La contamination de l’habitat due à l’agriculture a eu des effets négatifs sur plusieurs populations, en particulier dans les Prairies (Graham, 1981; Pflieger, 1975; Mosindy, 1987; NatureServe, 2004). Les agriculteurs utilisent 35 fois plus d’engrais qu’il y a 50 ans; le phosphore et l’azote en particulier ajoutent une quantité considérable de nutriments dans plusieurs lacs et cours d’eau. La production de bétail pose également problème là où le fumier et les déchets peuvent aboutir dans l’eau à partir de points d’alimentation situés près de cours d’eau ou lorsque le fumier est épandu sur les champs ou sur la glace en hiver (MPO, 1992). Le creusage de canaux et de fossés, le labourage et le déboisement ont également contribué à accroître la sédimentation et la perte de couvert végétal, menant à la perte et la dégradation de l’habitat dans les tributaires du lac Érié et dans une bonne partie du Midwest américain (NatureServe, 2004), des Prairies (MPO, 1992) et de la rivière à la Pluie dans le nord de l’Ontario (Mosindy, 1987).

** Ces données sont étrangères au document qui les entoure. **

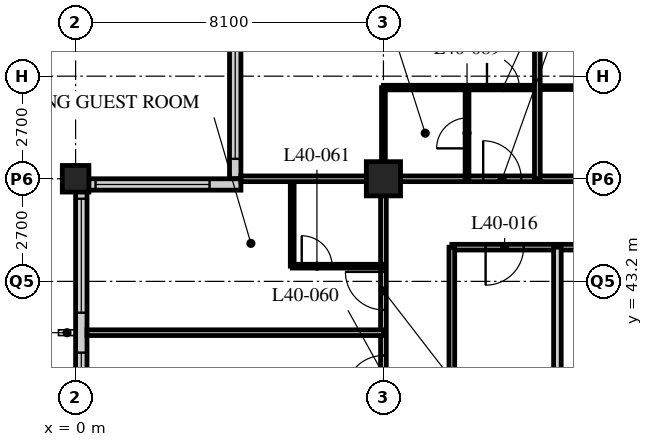
"""IFC4 building model, lengths in metres.
Left out: names, types, materials, properties, quantities, classifications, styles, units other than length and angle.
Written with IfcOpenShell. Run it as: python <this file> out.ifc"""

import sys

from ifc_helpers import new_model, si_unit, direction, frame, frame_2d, origin, origin_2d, place, context, subcontext, project, spatial, rectangle, hollow_rectangle, extrude, element, fill, save


model = new_model("IFC4")
c1 = context("Model", 3, precision=1e-05, world=origin(), true_north=direction((0.0, 1.0)))
c2 = subcontext(c1, "Body", "Model", "MODEL_VIEW")
j1 = project(units=[si_unit("LENGTHUNIT", "METRE"), si_unit("PLANEANGLEUNIT", "RADIAN")], contexts=[c1])
p1 = place(None, origin())
s1 = spatial("IfcSite", under=j1, at=p1, CompositionType="ELEMENT")
p2 = place(p1, origin())
s2 = spatial("IfcBuilding", under=s1, at=p2, CompositionType="ELEMENT")
p3 = place(p2, frame((0.0, 0.0, 154.4)))
s3 = spatial("IfcBuildingStorey", under=s2, at=p3, CompositionType="ELEMENT", Elevation=154.4)
p4 = place(p3, frame((0.0, 45.9, 0.0), z_axis=(0.0, 0.0, 1.0), x_axis=(1.0, 0.0, 0.0)))
e1 = element("IfcColumn", 1, at=p4, inside=s3, PredefinedType="COLUMN", context=c2, shape_type="SweptSolid", body=[
    extrude(hollow_rectangle(XDim=0.7, YDim=0.7, WallThickness=0.07, at=origin_2d()), origin(), (0.0, 0.0, 1.0), 3.4),
])
p5 = place(p3, frame((8.1, 45.9, 0.0), z_axis=(0.0, 0.0, 1.0), x_axis=(1.0, 0.0, 0.0)))
e2 = element("IfcColumn", 2, at=p5, inside=s3, PredefinedType="COLUMN", context=c2, shape_type="SweptSolid", body=[
    extrude(hollow_rectangle(XDim=0.9, YDim=0.9, WallThickness=0.1, at=origin_2d()), origin(), (0.0, 0.0, 1.0), 3.4),
])
p6 = place(p3, frame((4.2, 49.65, 0.0), z_axis=(0.0, 0.0, 1.0), x_axis=(0.0, -1.0, 0.0)))
e3 = element("IfcWall", 3, at=p6, inside=s3, PredefinedType="SOLIDWALL", context=c2, shape_type="SweptSolid", body=[
    extrude(rectangle(XDim=3.75, YDim=0.3, at=frame_2d((1.875, 0.0))), origin(), (0.0, 0.0, 1.0), 2.45),
])
p7 = place(p6, frame((0.225, 0.0, 0.9)))
e4 = element("IfcOpeningElement", 4, at=p7, cuts=e3, PredefinedType="OPENING", context=c2, shape_type="SweptSolid", body=[
    extrude(rectangle(XDim=3.0, YDim=1.2, at=frame_2d((1.5, 0.6))), frame((0.0, 0.16, 0.0), z_axis=(0.0, -1.0, 0.0), x_axis=(1.0, 0.0, 0.0)), (0.0, 0.0, 1.0), 0.32),
])
p8 = place(p3, frame((4.35, 45.75, 0.0), z_axis=(0.0, 0.0, 1.0), x_axis=(-1.0, 0.0, 0.0)))
e5 = element("IfcWall", 5, at=p8, inside=s3, PredefinedType="SOLIDWALL", context=c2, shape_type="SweptSolid", body=[
    extrude(rectangle(XDim=4.35, YDim=0.3, at=frame_2d((2.175, 0.0))), origin(), (0.0, 0.0, 1.0), 2.15),
])
p9 = place(p8, frame((0.825, 0.0, 0.9)))
e6 = element("IfcOpeningElement", 6, at=p9, cuts=e5, PredefinedType="OPENING", context=c2, shape_type="SweptSolid", body=[
    extrude(rectangle(XDim=3.0, YDim=1.2, at=frame_2d((1.5, 0.6))), frame((0.0, 0.16, 0.0), z_axis=(0.0, -1.0, 0.0), x_axis=(1.0, 0.0, 0.0)), (0.0, 0.0, 1.0), 0.32),
])
p10 = place(p3, frame((0.15, 45.6, 0.0), z_axis=(0.0, 0.0, 1.0), x_axis=(0.0, -1.0, 0.0)))
e7 = element("IfcWall", 7, at=p10, inside=s3, PredefinedType="SOLIDWALL", context=c2, shape_type="SweptSolid", body=[
    extrude(rectangle(XDim=32.1, YDim=0.3, at=frame_2d((16.05, 0.0))), origin(), (0.0, 0.0, 1.0), 2.15),
])
p11 = place(p10, frame((0.225, 0.0, 0.9)))
e8 = element("IfcOpeningElement", 8, at=p11, cuts=e7, PredefinedType="OPENING", context=c2, shape_type="SweptSolid", body=[
    extrude(rectangle(XDim=3.0, YDim=1.2, at=frame_2d((1.5, 0.6))), frame((0.0, 0.16, 0.0), z_axis=(0.0, -1.0, 0.0), x_axis=(1.0, 0.0, 0.0)), (0.0, 0.0, 1.0), 0.32),
])
p12 = place(p10, frame((4.275, 0.0, 0.9)))
e9 = element("IfcOpeningElement", 9, at=p12, cuts=e7, PredefinedType="OPENING", context=c2, shape_type="SweptSolid", body=[
    extrude(rectangle(XDim=3.0, YDim=1.2, at=frame_2d((1.5, 0.6))), frame((0.0, 0.16, 0.0), z_axis=(0.0, -1.0, 0.0), x_axis=(1.0, 0.0, 0.0)), (0.0, 0.0, 1.0), 0.32),
])
p13 = place(p10, frame((8.325, 0.0, 0.9)))
e10 = element("IfcOpeningElement", 10, at=p13, cuts=e7, PredefinedType="OPENING", context=c2, shape_type="SweptSolid", body=[
    extrude(rectangle(XDim=3.0, YDim=1.2, at=frame_2d((1.5, 0.6))), frame((0.0, 0.16, 0.0), z_axis=(0.0, -1.0, 0.0), x_axis=(1.0, 0.0, 0.0)), (0.0, 0.0, 1.0), 0.32),
])
p14 = place(p10, frame((12.375, 0.0, 0.9)))
e11 = element("IfcOpeningElement", 11, at=p14, cuts=e7, PredefinedType="OPENING", context=c2, shape_type="SweptSolid", body=[
    extrude(rectangle(XDim=3.0, YDim=1.2, at=frame_2d((1.5, 0.6))), frame((0.0, 0.16, 0.0), z_axis=(0.0, -1.0, 0.0), x_axis=(1.0, 0.0, 0.0)), (0.0, 0.0, 1.0), 0.32),
])
p15 = place(p10, frame((16.425, 0.0, 0.9)))
e12 = element("IfcOpeningElement", 12, at=p15, cuts=e7, PredefinedType="OPENING", context=c2, shape_type="SweptSolid", body=[
    extrude(rectangle(XDim=3.0, YDim=1.2, at=frame_2d((1.5, 0.6))), frame((0.0, 0.16, 0.0), z_axis=(0.0, -1.0, 0.0), x_axis=(1.0, 0.0, 0.0)), (0.0, 0.0, 1.0), 0.32),
])
p16 = place(p10, frame((20.475, 0.0, 0.9)))
e13 = element("IfcOpeningElement", 13, at=p16, cuts=e7, PredefinedType="OPENING", context=c2, shape_type="SweptSolid", body=[
    extrude(rectangle(XDim=3.0, YDim=1.2, at=frame_2d((1.5, 0.6))), frame((0.0, 0.16, 0.0), z_axis=(0.0, -1.0, 0.0), x_axis=(1.0, 0.0, 0.0)), (0.0, 0.0, 1.0), 0.32),
])
p17 = place(p10, frame((24.525, 0.0, 0.9)))
e14 = element("IfcOpeningElement", 14, at=p17, cuts=e7, PredefinedType="OPENING", context=c2, shape_type="SweptSolid", body=[
    extrude(rectangle(XDim=3.0, YDim=1.2, at=frame_2d((1.5, 0.6))), frame((0.0, 0.16, 0.0), z_axis=(0.0, -1.0, 0.0), x_axis=(1.0, 0.0, 0.0)), (0.0, 0.0, 1.0), 0.32),
])
p18 = place(p10, frame((28.575, 0.0, 0.9)))
e15 = element("IfcOpeningElement", 15, at=p18, cuts=e7, PredefinedType="OPENING", context=c2, shape_type="SweptSolid", body=[
    extrude(rectangle(XDim=3.0, YDim=1.2, at=frame_2d((1.5, 0.6))), frame((0.0, 0.16, 0.0), z_axis=(0.0, -1.0, 0.0), x_axis=(1.0, 0.0, 0.0)), (0.0, 0.0, 1.0), 0.32),
])
p19 = place(p3, frame((8.1, 45.9, 0.0), z_axis=(0.0, 0.0, 1.0), x_axis=(1.0, 0.0, 0.0)))
e16 = element("IfcWall", 16, at=p19, inside=s3, PredefinedType="PARTITIONING", context=c2, shape_type="SweptSolid", body=[
    extrude(rectangle(XDim=40.5, YDim=0.15, at=frame_2d((20.25, 0.0))), origin(), (0.0, 0.0, 1.0), 2.15),
])
p20 = place(p19, frame((9.625, 0.0, 0.0)))
e17 = element("IfcOpeningElement", 17, at=p20, cuts=e16, PredefinedType="OPENING", context=c2, shape_type="SweptSolid", body=[
    extrude(rectangle(XDim=1.0, YDim=2.1, at=frame_2d((0.5, 1.05))), frame((0.0, 0.085, 0.0), z_axis=(0.0, -1.0, 0.0), x_axis=(1.0, 0.0, 0.0)), (0.0, 0.0, 1.0), 0.17),
])
p21 = place(p19, frame((21.775, 0.0, 0.0)))
e18 = element("IfcOpeningElement", 18, at=p21, cuts=e16, PredefinedType="OPENING", context=c2, shape_type="SweptSolid", body=[
    extrude(rectangle(XDim=1.0, YDim=2.1, at=frame_2d((0.5, 1.05))), frame((0.0, 0.085, 0.0), z_axis=(0.0, -1.0, 0.0), x_axis=(1.0, 0.0, 0.0)), (0.0, 0.0, 1.0), 0.17),
])
p22 = place(p19, frame((28.95, 0.0, 0.0)))
e19 = element("IfcOpeningElement", 19, at=p22, cuts=e16, PredefinedType="OPENING", context=c2, shape_type="SweptSolid", body=[
    extrude(rectangle(XDim=1.0, YDim=2.1, at=frame_2d((0.5, 1.05))), frame((0.0, 0.085, 0.0), z_axis=(0.0, -1.0, 0.0), x_axis=(1.0, 0.0, 0.0)), (0.0, 0.0, 1.0), 0.17),
])
p23 = place(p19, frame((34.85, 0.0, 0.0)))
e20 = element("IfcOpeningElement", 20, at=p23, cuts=e16, PredefinedType="OPENING", context=c2, shape_type="SweptSolid", body=[
    extrude(rectangle(XDim=1.0, YDim=2.1, at=frame_2d((0.5, 1.05))), frame((0.0, 0.085, 0.0), z_axis=(0.0, -1.0, 0.0), x_axis=(1.0, 0.0, 0.0)), (0.0, 0.0, 1.0), 0.17),
])
p24 = place(p19, frame((36.875, 0.0, 0.0)))
e21 = element("IfcOpeningElement", 21, at=p24, cuts=e16, PredefinedType="OPENING", context=c2, shape_type="SweptSolid", body=[
    extrude(rectangle(XDim=1.0, YDim=2.1, at=frame_2d((0.5, 1.05))), frame((0.0, 0.085, 0.0), z_axis=(0.0, -1.0, 0.0), x_axis=(1.0, 0.0, 0.0)), (0.0, 0.0, 1.0), 0.17),
])
p25 = place(p19, frame((2.625, 0.0, 0.0)))
e22 = element("IfcOpeningElement", 22, at=p25, cuts=e16, PredefinedType="OPENING", context=c2, shape_type="SweptSolid", body=[
    extrude(rectangle(XDim=1.0, YDim=2.1, at=frame_2d((0.5, 1.05))), frame((0.0, 0.085, 0.0), z_axis=(0.0, -1.0, 0.0), x_axis=(1.0, 0.0, 0.0)), (0.0, 0.0, 1.0), 0.17),
])
p26 = place(p3, frame((8.1, 17.55, 0.0), z_axis=(0.0, 0.0, 1.0), x_axis=(0.0, 1.0, 0.0)))
e23 = element("IfcWall", 23, at=p26, inside=s3, PredefinedType="PARTITIONING", context=c2, shape_type="SweptSolid", body=[
    extrude(rectangle(XDim=28.35, YDim=0.15, at=frame_2d((14.175, 0.0))), origin(), (0.0, 0.0, 1.0), 2.15),
])
p27 = place(p26, frame((5.95, 0.0, 0.0)))
e24 = element("IfcOpeningElement", 24, at=p27, cuts=e23, PredefinedType="OPENING", context=c2, shape_type="SweptSolid", body=[
    extrude(rectangle(XDim=1.0, YDim=2.1, at=frame_2d((0.5, 1.05))), frame((0.0, 0.085, 0.0), z_axis=(0.0, -1.0, 0.0), x_axis=(1.0, 0.0, 0.0)), (0.0, 0.0, 1.0), 0.17),
])
p28 = place(p26, frame((16.8, 0.0, 0.0)))
e25 = element("IfcOpeningElement", 25, at=p28, cuts=e23, PredefinedType="OPENING", context=c2, shape_type="SweptSolid", body=[
    extrude(rectangle(XDim=1.0, YDim=2.1, at=frame_2d((0.5, 1.05))), frame((0.0, 0.085, 0.0), z_axis=(0.0, -1.0, 0.0), x_axis=(1.0, 0.0, 0.0)), (0.0, 0.0, 1.0), 0.17),
])
p29 = place(p26, frame((22.7, 0.0, 0.0)))
e26 = element("IfcOpeningElement", 26, at=p29, cuts=e23, PredefinedType="OPENING", context=c2, shape_type="SweptSolid", body=[
    extrude(rectangle(XDim=1.0, YDim=2.1, at=frame_2d((0.5, 1.05))), frame((0.0, 0.085, 0.0), z_axis=(0.0, -1.0, 0.0), x_axis=(1.0, 0.0, 0.0)), (0.0, 0.0, 1.0), 0.17),
])
p30 = place(p26, frame((24.9, 0.0, 0.0)))
e27 = element("IfcOpeningElement", 27, at=p30, cuts=e23, PredefinedType="OPENING", context=c2, shape_type="SweptSolid", body=[
    extrude(rectangle(XDim=1.0, YDim=2.1, at=frame_2d((0.5, 1.05))), frame((0.0, 0.085, 0.0), z_axis=(0.0, -1.0, 0.0), x_axis=(1.0, 0.0, 0.0)), (0.0, 0.0, 1.0), 0.17),
])
p31 = place(p3, frame((27.14, 44.1, 0.0), z_axis=(0.0, 0.0, 1.0), x_axis=(-1.0, 0.0, 0.0)))
e28 = element("IfcWall", 28, at=p31, inside=s3, PredefinedType="PARTITIONING", context=c2, shape_type="SweptSolid", body=[
    extrude(rectangle(XDim=17.24, YDim=0.15, at=frame_2d((8.62, 0.0))), origin(), (0.0, 0.0, 1.0), 3.15),
])
p32 = place(p31, frame((15.351, 0.0, 0.0)))
e29 = element("IfcOpeningElement", 29, at=p32, cuts=e28, PredefinedType="OPENING", context=c2, shape_type="SweptSolid", body=[
    extrude(rectangle(XDim=1.0, YDim=2.1, at=frame_2d((0.5, 1.05))), frame((0.0, 0.085, 0.0), z_axis=(0.0, -1.0, 0.0), x_axis=(1.0, 0.0, 0.0)), (0.0, 0.0, 1.0), 0.17),
])
p33 = place(p31, frame((12.201, 0.0, 0.0)))
e30 = element("IfcOpeningElement", 30, at=p33, cuts=e28, PredefinedType="OPENING", context=c2, shape_type="SweptSolid", body=[
    extrude(rectangle(XDim=1.0, YDim=2.1, at=frame_2d((0.5, 1.05))), frame((0.0, 0.085, 0.0), z_axis=(0.0, -1.0, 0.0), x_axis=(1.0, 0.0, 0.0)), (0.0, 0.0, 1.0), 0.17),
])
p34 = place(p31, frame((7.94, 0.0, 0.0)))
e31 = element("IfcOpeningElement", 31, at=p34, cuts=e28, PredefinedType="OPENING", context=c2, shape_type="SweptSolid", body=[
    extrude(rectangle(XDim=1.0, YDim=2.1, at=frame_2d((0.5, 1.05))), frame((0.0, 0.085, 0.0), z_axis=(0.0, -1.0, 0.0), x_axis=(1.0, 0.0, 0.0)), (0.0, 0.0, 1.0), 0.17),
])
p35 = place(p31, frame((2.465, 0.0, 0.0)))
e32 = element("IfcOpeningElement", 32, at=p35, cuts=e28, PredefinedType="OPENING", context=c2, shape_type="SweptSolid", body=[
    extrude(rectangle(XDim=1.0, YDim=2.1, at=frame_2d((0.5, 1.05))), frame((0.0, 0.085, 0.0), z_axis=(0.0, -1.0, 0.0), x_axis=(1.0, 0.0, 0.0)), (0.0, 0.0, 1.0), 0.17),
])
p36 = place(p3, frame((9.9, 44.1, 0.0), z_axis=(0.0, 0.0, 1.0), x_axis=(0.0, -1.0, 0.0)))
e33 = element("IfcWall", 33, at=p36, inside=s3, PredefinedType="PARTITIONING", context=c2, shape_type="SweptSolid", body=[
    extrude(rectangle(XDim=24.75, YDim=0.15, at=frame_2d((12.375, 0.0))), origin(), (0.0, 0.0, 1.0), 3.15),
])
p37 = place(p36, frame((17.871, 0.0, 0.0)))
e34 = element("IfcOpeningElement", 34, at=p37, cuts=e33, PredefinedType="OPENING", context=c2, shape_type="SweptSolid", body=[
    extrude(rectangle(XDim=1.0, YDim=2.1, at=frame_2d((0.5, 1.05))), frame((0.0, 0.085, 0.0), z_axis=(0.0, -1.0, 0.0), x_axis=(1.0, 0.0, 0.0)), (0.0, 0.0, 1.0), 0.17),
])
p38 = place(p36, frame((13.821, 0.0, 0.0)))
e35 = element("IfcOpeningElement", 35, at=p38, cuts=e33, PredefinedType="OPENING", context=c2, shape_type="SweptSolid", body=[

La décharge de sédiments peut affecter les esturgeons directement en causant la mortalité d’individus à différentes étapes de leur cycle vital par enterrement ou engorgement des branchies, ou encore indirectement par la dégradation de l’habitat (Hatin et al., sous presse). Le dragage et le déchargement associés à la construction du chenal navigable de la Voie maritime du Saint-Laurent durant les années 1950 et 1960 ont causé d’importantes perturbations de l’habitat. L’entretien des chenaux et des ports se fait annuellement (Dumont et al., 1987; Robitaille et al., 1988). Or, les connaissances dont nous disposons au sujet de la relation entre les caractéristiques de l’habitat, l’alimentation et la répartition de l’esturgeon jaune dans le fleuve sont encore insuffisantes (Nilo et al., 2006). Dans le cadre d’une étude à grande échelle sur la décharge de sédiments dans le haut estuaire, Hatin et al. (sous presse) ont observé un comportement d’évitement des sites ainsi que des effets négatifs des opérations de décharge de sédiments chez les esturgeons noirs mais non chez les esturgeons jaunes, probablement parce que l’alimentation de l’esturgeon jaune est plus diversifiée.

Entre le stade d’alevins nageant et le moment où ils atteignent environ 120 mm, les esturgeons sont très sensibles au TFM, un lampricide utilisé pour contrôler la grande lamproie marine (Petromyzon marinus) dans le bassin des Grands Lacs (Johnson et al., 1999; Boogaard et al., 2003). Compte tenu du fait que l’aire de répartition historique de l’esturgeon jaune et l’aire de répartition de la grande lamproie marine se chevauchent considérablement dans le bassin des Grands Lacs, le TFM pourrait représenter une menace importante pour l’esturgeon jaune (Auer, 1999). Les  programmes de contrôle de la grande lamproie marine dans le bassin des Grands Lacs ont élaboré des protocoles de traitement visant à réduire le plus possible les effets sur les esturgeons jaunes (Holey et al., 2000), mais ces protocoles sont de moins en moins appliqués au fur et à mesure que l’abondance de la grande lamproie marine augmente.

Parmi les autres menaces, on compte l’introduction d’espèces exotiques comme la moule zébrée (Dreissena polymorpha), l’éperlan (Osmerus mordax) et le gobie à taches noires (Neogobius melanostomus), qui pourraient entrer en compétition avec l’esturgeon jaune pour la nourriture et l’habitat, se nourrir des œufs et des juvéniles et perturber l’habitat (MPO, 1992; Scott et Crossman, 1998). L’introduction de plantes non indigènes, telles que le myriophylle à épis (Myriophyllum spicatum) et la salicaire pourpre (Lithrum salicaria), pourrait également causer une perturbation de l’habitat et une diminution de la diversité (MPO, 1992).